With a full larder and few people on campus to serve, Rochester Institute of Technology started using up its food supplies this week by delivering regular meals to health care workers at Rochester Regional Health.
The university plans to deliver 100 meals at a time on Mondays, Wednesdays and Fridays until supplies run out. At the same time, RIT’s FoodShare, an on-campus food pantry, has started accepting appointments to provide donated groceries to students, faculty, staff and alumni who are in need. The program will be open until the end of the semester, May 7.

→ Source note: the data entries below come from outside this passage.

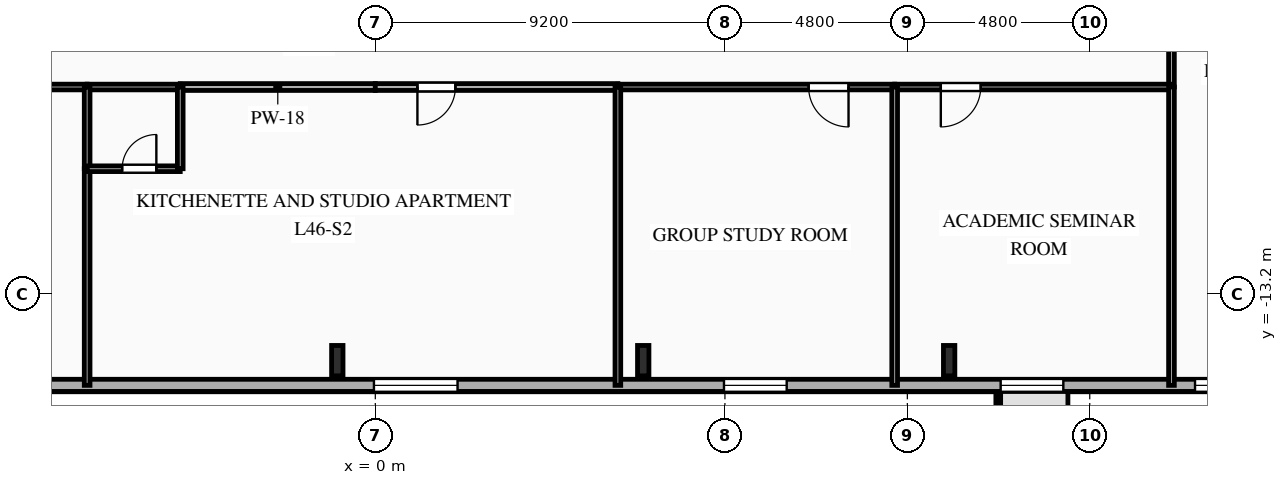
"""IFC4 building model, lengths in metres.
Left out: names, types, materials, properties, quantities, classifications, styles, units other than length and angle.
Written with IfcOpenShell. Run it as: python <this file> out.ifc"""

import sys

from ifc_helpers import new_model, si_unit, direction, frame, frame_2d, origin, origin_2d, place, context, subcontext, project, spatial, rectangle, i_section, extrude, element, fill, save


model = new_model("IFC4")
c1 = context("Model", 3, precision=1e-05, world=origin(), true_north=direction((0.0, 1.0)))
c2 = subcontext(c1, "Body", "Model", "MODEL_VIEW")
j1 = project(units=[si_unit("LENGTHUNIT", "METRE"), si_unit("PLANEANGLEUNIT", "RADIAN")], contexts=[c1])
p1 = place(None, origin())
s1 = spatial("IfcSite", under=j1, at=p1, CompositionType="ELEMENT")
p2 = place(p1, origin())
s2 = spatial("IfcBuilding", under=s1, at=p2, CompositionType="ELEMENT")
p3 = place(p2, frame((0.0, 0.0, 164.5)))
s3 = spatial("IfcBuildingStorey", under=s2, at=p3, CompositionType="ELEMENT", Elevation=164.5)
for number, where, z_axis, x_axis in (
    (1, (-1.0, -14.95, 0.0), (0.0, 0.0, 1.0), (1.0, 0.0, 0.0)),
    (2, (7.05, -14.95, 0.0), (0.0, 0.0, 1.0), (1.0, 0.0, 0.0)),
    (3, (15.1, -14.95, 0.0), (0.0, 0.0, 1.0), (1.0, 0.0, 0.0)),
):
    element("IfcColumn", number, at=place(p3, frame(where, z_axis=z_axis, x_axis=x_axis)), inside=s3, PredefinedType="COLUMN", context=c2, shape_type="SweptSolid", body=[
        extrude(i_section(OverallWidth=0.3, OverallDepth=0.8, WebThickness=0.018, FlangeThickness=0.033, FilletRadius=0.03, at=origin_2d()), origin(), (0.0, 0.0, 1.0), 3.35),
    ])
p4 = place(p3, frame((23.8, -15.6, 0.0), z_axis=(0.0, 0.0, 1.0), x_axis=(-1.0, 0.0, 0.0)))
e4 = element("IfcWall", 4, at=p4, inside=s3, PredefinedType="SOLIDWALL", context=c2, shape_type="SweptSolid", body=[
    extrude(rectangle(XDim=49.6, YDim=0.32, at=frame_2d((24.8, 0.0))), origin(), (0.0, 0.0, 1.0), 3.04),
])
p5 = place(p4, frame((1.13, 0.0, 0.85)))
e5 = element("IfcOpeningElement", 5, at=p5, cuts=e4, PredefinedType="OPENING", context=c2, shape_type="SweptSolid", body=[
    extrude(rectangle(XDim=1.1, YDim=1.85, at=frame_2d((0.55, 0.925))), frame((0.0, 0.17, 0.0), z_axis=(0.0, -1.0, 0.0), x_axis=(1.0, 0.0, 0.0)), (0.0, 0.0, 1.0), 0.34),
])
p6 = place(p4, frame((5.695, 0.0, 0.85)))
e6 = element("IfcOpeningElement", 6, at=p6, cuts=e4, PredefinedType="OPENING", context=c2, shape_type="SweptSolid", body=[
    extrude(rectangle(XDim=1.65, YDim=1.85, at=frame_2d((0.825, 0.925))), frame((0.0, 0.17, 0.0), z_axis=(0.0, -1.0, 0.0), x_axis=(1.0, 0.0, 0.0)), (0.0, 0.0, 1.0), 0.34),
])
p7 = place(p4, frame((12.975, 0.0, 0.85)))
e7 = element("IfcOpeningElement", 7, at=p7, cuts=e4, PredefinedType="OPENING", context=c2, shape_type="SweptSolid", body=[
    extrude(rectangle(XDim=1.65, YDim=1.85, at=frame_2d((0.825, 0.925))), frame((0.0, 0.17, 0.0), z_axis=(0.0, -1.0, 0.0), x_axis=(1.0, 0.0, 0.0)), (0.0, 0.0, 1.0), 0.34),
])
p8 = place(p4, frame((21.636, 0.0, 0.85)))
e8 = element("IfcOpeningElement", 8, at=p8, cuts=e4, PredefinedType="OPENING", context=c2, shape_type="SweptSolid", body=[
    extrude(rectangle(XDim=2.2, YDim=1.85, at=frame_2d((1.1, 0.925))), frame((0.0, 0.17, 0.0), z_axis=(0.0, -1.0, 0.0), x_axis=(1.0, 0.0, 0.0)), (0.0, 0.0, 1.0), 0.34),
])
p9 = place(p4, frame((33.935, 0.0, 0.85)))
e9 = element("IfcOpeningElement", 9, at=p9, cuts=e4, PredefinedType="OPENING", context=c2, shape_type="SweptSolid", body=[
    extrude(rectangle(XDim=1.65, YDim=1.85, at=frame_2d((0.825, 0.925))), frame((0.0, 0.17, 0.0), z_axis=(0.0, -1.0, 0.0), x_axis=(1.0, 0.0, 0.0)), (0.0, 0.0, 1.0), 0.34),
])
p10 = place(p4, frame((41.24, 0.0, 0.85)))
e10 = element("IfcOpeningElement", 10, at=p10, cuts=e4, PredefinedType="OPENING", context=c2, shape_type="SweptSolid", body=[
    extrude(rectangle(XDim=1.65, YDim=1.85, at=frame_2d((0.825, 0.925))), frame((0.0, 0.17, 0.0), z_axis=(0.0, -1.0, 0.0), x_axis=(1.0, 0.0, 0.0)), (0.0, 0.0, 1.0), 0.34),
])
p11 = place(p4, frame((46.175, 0.0, 0.85)))
e11 = element("IfcOpeningElement", 11, at=p11, cuts=e4, PredefinedType="OPENING", context=c2, shape_type="SweptSolid", body=[
    extrude(rectangle(XDim=1.65, YDim=1.85, at=frame_2d((0.825, 0.925))), frame((0.0, 0.17, 0.0), z_axis=(0.0, -1.0, 0.0), x_axis=(1.0, 0.0, 0.0)), (0.0, 0.0, 1.0), 0.34),
])
p12 = place(p3, frame((-7.583, -7.75, 0.0), z_axis=(0.0, 0.0, 1.0), x_axis=(-1.0, 0.0, 0.0)))
e12 = element("IfcWall", 12, at=p12, inside=s3, PredefinedType="PARTITIONING", context=c2, shape_type="SweptSolid", body=[
    extrude(rectangle(XDim=6.684, YDim=0.15, at=frame_2d((3.342, 0.0))), origin(), (0.0, 0.0, 1.0), 3.04),
])
p13 = place(p12, frame((4.494, 0.0, 0.0)))
e13 = element("IfcOpeningElement", 13, at=p13, cuts=e12, PredefinedType="OPENING", context=c2, shape_type="SweptSolid", body=[
    extrude(rectangle(XDim=1.05, YDim=2.15, at=frame_2d((0.525, 1.075))), frame((0.0, 0.085, 0.0), z_axis=(0.0, -1.0, 0.0), x_axis=(1.0, 0.0, 0.0)), (0.0, 0.0, 1.0), 0.17),
])
p14 = place(p3, frame((0.0, -7.75, 0.0), z_axis=(0.0, 0.0, 1.0), x_axis=(-1.0, 0.0, 0.0)))
e14 = element("IfcWall", 14, at=p14, inside=s3, PredefinedType="PARTITIONING", context=c2, shape_type="SweptSolid", body=[
    extrude(rectangle(XDim=5.133, YDim=0.18, at=frame_2d((2.566, 0.0))), origin(), (0.0, 0.0, 1.0), 3.04),
])
p15 = place(p3, frame((-5.133, -7.75, 0.0), z_axis=(0.0, 0.0, 1.0), x_axis=(-1.0, 0.0, 0.0)))
e15 = element("IfcWall", 15, at=p15, inside=s3, PredefinedType="PLUMBINGWALL", context=c2, shape_type="SweptSolid", body=[
    extrude(rectangle(XDim=2.45, YDim=0.15, at=frame_2d((1.225, 0.0))), origin(), (0.0, 0.0, 1.0), 3.04),
])
p16 = place(p3, frame((20.95, -5.6, 0.0), z_axis=(0.0, 0.0, 1.0), x_axis=(0.0, -1.0, 0.0)))
e16 = element("IfcWall", 16, at=p16, inside=s3, PredefinedType="PARTITIONING", context=c2, shape_type="SweptSolid", body=[
    extrude(rectangle(XDim=2.15, YDim=0.15, at=frame_2d((1.075, 0.0))), origin(), (0.0, 0.0, 1.0), 3.04),
])
p17 = place(p3, frame((6.383, -7.75, 0.0), z_axis=(0.0, 0.0, 1.0), x_axis=(-1.0, 0.0, 0.0)))
e17 = element("IfcWall", 17, at=p17, inside=s3, PredefinedType="PARTITIONING", context=c2, shape_type="SweptSolid", body=[
    extrude(rectangle(XDim=6.383, YDim=0.18, at=frame_2d((3.191, 0.0))), origin(), (0.0, 0.0, 1.0), 3.04),
])
p18 = place(p17, frame((4.275, 0.0, 0.0)))
e18 = element("IfcOpeningElement", 18, at=p18, cuts=e17, PredefinedType="OPENING", context=c2, shape_type="SweptSolid", body=[
    extrude(rectangle(XDim=1.0, YDim=2.15, at=frame_2d((0.5, 1.075))), frame((0.0, 0.1, 0.0), z_axis=(0.0, -1.0, 0.0), x_axis=(1.0, 0.0, 0.0)), (0.0, 0.0, 1.0), 0.2),
])
p19 = place(p3, frame((13.667, -7.75, 0.0), z_axis=(0.0, 0.0, 1.0), x_axis=(-1.0, 0.0, 0.0)))
e19 = element("IfcWall", 19, at=p19, inside=s3, PredefinedType="PARTITIONING", context=c2, shape_type="SweptSolid", body=[
    extrude(rectangle(XDim=7.283, YDim=0.15, at=frame_2d((3.642, 0.0))), origin(), (0.0, 0.0, 1.0), 3.04),
])
p20 = place(p19, frame((1.214, 0.0, 0.0)))
e20 = element("IfcOpeningElement", 20, at=p20, cuts=e19, PredefinedType="OPENING", context=c2, shape_type="SweptSolid", body=[
    extrude(rectangle(XDim=1.05, YDim=2.15, at=frame_2d((0.525, 1.075))), frame((0.0, 0.085, 0.0), z_axis=(0.0, -1.0, 0.0), x_axis=(1.0, 0.0, 0.0)), (0.0, 0.0, 1.0), 0.17),
])
p21 = place(p3, frame((20.95, -7.75, 0.0), z_axis=(0.0, 0.0, 1.0), x_axis=(-1.0, 0.0, 0.0)))
e21 = element("IfcWall", 21, at=p21, inside=s3, PredefinedType="PARTITIONING", context=c2, shape_type="SweptSolid", body=[
    extrude(rectangle(XDim=7.283, YDim=0.15, at=frame_2d((3.642, 0.0))), origin(), (0.0, 0.0, 1.0), 3.04),
])
p22 = place(p21, frame((5.019, 0.0, 0.0)))
e22 = element("IfcOpeningElement", 22, at=p22, cuts=e21, PredefinedType="OPENING", context=c2, shape_type="SweptSolid", body=[
    extrude(rectangle(XDim=1.05, YDim=2.15, at=frame_2d((0.525, 1.075))), frame((0.0, 0.085, 0.0), z_axis=(0.0, -1.0, 0.0), x_axis=(1.0, 0.0, 0.0)), (0.0, 0.0, 1.0), 0.17),
])
p23 = place(p3, frame((20.95, -15.6, 0.0), z_axis=(0.0, 0.0, 1.0), x_axis=(0.0, 1.0, 0.0)))
e23 = element("IfcWall", 23, at=p23, inside=s3, PredefinedType="PARTITIONING", context=c2, shape_type="SweptSolid", body=[
    extrude(rectangle(XDim=7.85, YDim=0.15, at=frame_2d((3.925, 0.0))), origin(), (0.0, 0.0, 1.0), 3.04),
])
p24 = place(p3, frame((-7.583, -9.9, 0.0), z_axis=(0.0, 0.0, 1.0), x_axis=(0.0, -1.0, 0.0)))
e24 = element("IfcWall", 24, at=p24, inside=s3, PredefinedType="PARTITIONING", context=c2, shape_type="SweptSolid", body=[
    extrude(rectangle(XDim=5.7, YDim=0.15, at=frame_2d((2.85, 0.0))), origin(), (0.0, 0.0, 1.0), 3.04),
])
p25 = place(p3, frame((-7.583, -7.75, 0.0), z_axis=(0.0, 0.0, 1.0), x_axis=(0.0, -1.0, 0.0)))
e25 = element("IfcWall", 25, at=p25, inside=s3, PredefinedType="PLUMBINGWALL", context=c2, shape_type="SweptSolid", body=[
    extrude(rectangle(XDim=2.15, YDim=0.15, at=frame_2d((1.075, 0.0))), origin(), (0.0, 0.0, 1.0), 3.04),
])
p26 = place(p3, frame((-7.583, -9.9, 0.0), z_axis=(0.0, 0.0, 1.0), x_axis=(1.0, 0.0, 0.0)))
e26 = element("IfcWall", 26, at=p26, inside=s3, PredefinedType="PLUMBINGWALL", context=c2, shape_type="SweptSolid", body=[
    extrude(rectangle(XDim=2.45, YDim=0.15, at=frame_2d((1.225, 0.0))), origin(), (0.0, 0.0, 1.0), 3.04),
])
p27 = place(p26, frame((0.921, 0.0, 0.0)))
e27 = element("IfcOpeningElement", 27, at=p27, cuts=e26, PredefinedType="OPENING", context=c2, shape_type="SweptSolid", body=[
    extrude(rectangle(XDim=0.9, YDim=2.1, at=frame_2d((0.45, 1.05))), frame((0.0, 0.085, 0.0), z_axis=(0.0, -1.0, 0.0), x_axis=(1.0, 0.0, 0.0)), (0.0, 0.0, 1.0), 0.17),
])
p28 = place(p3, frame((-5.133, -9.9, 0.0), z_axis=(0.0, 0.0, 1.0), x_axis=(0.0, 1.0, 0.0)))
e28 = element("IfcWall", 28, at=p28, inside=s3, PredefinedType="PLUMBINGWALL", context=c2, shape_type="SweptSolid", body=[
    extrude(rectangle(XDim=2.15, YDim=0.15, at=frame_2d((1.075, 0.0))), origin(), (0.0, 0.0, 1.0), 3.04),
])
for number, where, z_axis, x_axis in (
    (29, (6.383, -7.75, 0.0), (0.0, 0.0, 1.0), (0.0, -1.0, 0.0)),
    (30, (13.667, -7.75, 0.0), (0.0, 0.0, 1.0), (0.0, -1.0, 0.0)),
):
    element("IfcWall", number, at=place(p3, frame(where, z_axis=z_axis, x_axis=x_axis)), inside=s3, PredefinedType="PARTITIONING", context=c2, shape_type="SweptSolid", body=[
        extrude(rectangle(XDim=7.85, YDim=0.15, at=frame_2d((3.925, 0.0))), origin(), (0.0, 0.0, 1.0), 3.04),
    ])
p29 = place(p5, origin())
e31 = element("IfcWindow", 31, at=p29, inside=s3, PartitioningType="SINGLE_PANEL", PredefinedType="WINDOW", context=c2, shape_type="SweptSolid", body=[
    extrude(rectangle(XDim=1.1, YDim=1.85, at=frame_2d((0.55, 0.925))), frame((0.0, 0.03, 0.0), z_axis=(0.0, -1.0, 0.0), x_axis=(1.0, 0.0, 0.0)), (0.0, 0.0, 1.0), 0.06),
])
fill(e5, e31)
p30 = place(p6, origin())
e32 = element("IfcWindow", 32, at=p30, inside=s3, PartitioningType="SINGLE_PANEL", PredefinedType="WINDOW", context=c2, shape_type="SweptSolid", body=[
    extrude(rectangle(XDim=1.65, YDim=1.85, at=frame_2d((0.825, 0.925))), frame((0.0, 0.03, 0.0), z_axis=(0.0, -1.0, 0.0), x_axis=(1.0, 0.0, 0.0)), (0.0, 0.0, 1.0), 0.06),
])
fill(e6, e32)
p31 = place(p7, origin())
e33 = element("IfcWindow", 33, at=p31, inside=s3, PartitioningType="SINGLE_PANEL", PredefinedType="WINDOW", context=c2, shape_type="SweptSolid", body=[
    extrude(rectangle(XDim=1.65, YDim=1.85, at=frame_2d((0.825, 0.925))), frame((0.0, 0.03, 0.0), z_axis=(0.0, -1.0, 0.0), x_axis=(1.0, 0.0, 0.0)), (0.0, 0.0, 1.0), 0.06),
])
fill(e7, e33)
p32 = place(p8, origin())
e34 = element("IfcWindow", 34, at=p32, inside=s3, PartitioningType="SINGLE_PANEL", PredefinedType="WINDOW", context=c2, shape_type="SweptSolid", body=[
    extrude(rectangle(XDim=2.2, YDim=1.85, at=frame_2d((1.1, 0.925))), frame((0.0, 0.03, 0.0), z_axis=(0.0, -1.0, 0.0), x_axis=(1.0, 0.0, 0.0)), (0.0, 0.0, 1.0), 0.06),
])
fill(e8, e34)
p33 = place(p18, origin())
e35 = element("IfcDoor", 35, at=p33, inside=s3, OperationType="SINGLE_SWING_RIGHT", PredefinedType="DOOR", context=c2, shape_type="SweptSolid", body=[
    extrude(rectangle(XDim=1.0, YDim=2.15, at=frame_2d((0.5, 1.075))), frame((0.0, 0.025, 0.0), z_axis=(0.0, -1.0, 0.0), x_axis=(1.0, 0.0, 0.0)), (0.0, 0.0, 1.0), 0.05),
])
fill(e18, e35)
p34 = place(p20, origin())
e36 = element("IfcDoor", 36, at=p34, inside=s3, OperationType="SINGLE_SWING_LEFT", PredefinedType="DOOR", context=c2, shape_type="SweptSolid", body=[
    extrude(rectangle(XDim=1.05, YDim=2.15, at=frame_2d((0.525, 1.075))), frame((0.0, 0.025, 0.0), z_axis=(0.0, -1.0, 0.0), x_axis=(1.0, 0.0, 0.0)), (0.0, 0.0, 1.0), 0.05),
])
fill(e20, e36)
p35 = place(p22, origin())
e37 = element("IfcDoor", 37, at=p35, inside=s3, OperationType="SINGLE_SWING_RIGHT", PredefinedType="DOOR", context=c2, shape_type="SweptSolid", body=[
    extrude(rectangle(XDim=1.05, YDim=2.15, at=frame_2d((0.525, 1.075))), frame((0.0, 0.025, 0.0), z_axis=(0.0, -1.0, 0.0), x_axis=(1.0, 0.0, 0.0)), (0.0, 0.0, 1.0), 0.05),
])
fill(e22, e37)
p36 = place(p27, origin())
e38 = element("IfcDoor", 38, at=p36, inside=s3, OperationType="SINGLE_SWING_RIGHT", PredefinedType="DOOR", context=c2, shape_type="SweptSolid", body=[
    extrude(rectangle(XDim=0.9, YDim=2.1, at=frame_2d((0.45, 1.05))), frame((0.0, 0.025, 0.0), z_axis=(0.0, -1.0, 0.0), x_axis=(1.0, 0.0, 0.0)), (0.0, 0.0, 1.0), 0.05),
])
fill(e27, e38)
save(model, sys.argv[1])

Monday’s meal delivery included individual portions of flank steak, mushrooms, roasted potatoes and broccoli as one meal. Other entrees included sweet and sour chicken with rice and black bean burritos and salads. Individual slices of cake were also sent to the RRH locations.
“We’re trying to best utilize the food we already have on campus that was planned for events and the students’ return after spring break,” said Autumn Geer, chef de cuisine for RIT Catering.
When the COVID-19 pandemic hit and colleges started moving to online instruction, RIT students were already on spring break.
“I have a lot of friends in the health care field who are risking their lives every day,” Geer said. “They don’t have a lot of food available to them when they need it and aren’t eating properly. They often don’t have time to pack a well-balanced meal. So we’re hoping to do some good, and to keep our staff engaged and inspired to know they are doing something good.”
Rochester Regional Health is RIT’s clinical partner for its health care related programs.
“What this means to our frontline staff is immeasurable,” said Michele Grazulis, president of RRH Foundations. “ For some, it will be the meal they eat during work since our cafeterias are closed. For others, it will be the meal they take home after a long day of taking care of our community. It will provide comfort and nourishment, and we are thankful to our partners at RIT for thinking of our employees in such a meaningful way during this time.”
The RIT food pantry, which normally serves 900 people a year, had closed in March when non-essential businesses were asked to close, but reopened this week on an appointment-only basis. Appointments are available on Tuesdays and Thursdays, with 24 slots available each day.
“If there is a greater need, we may expand that,” said Sharon Kompalla-Porter, associate director of residence life. “We’re trying to be as cautious as possible, designating this new model with both the health and safety of the FoodShare staff and visitors in mind.”
Participants who need food can arrange for an appointment by visiting the RIT FoodShare webpage.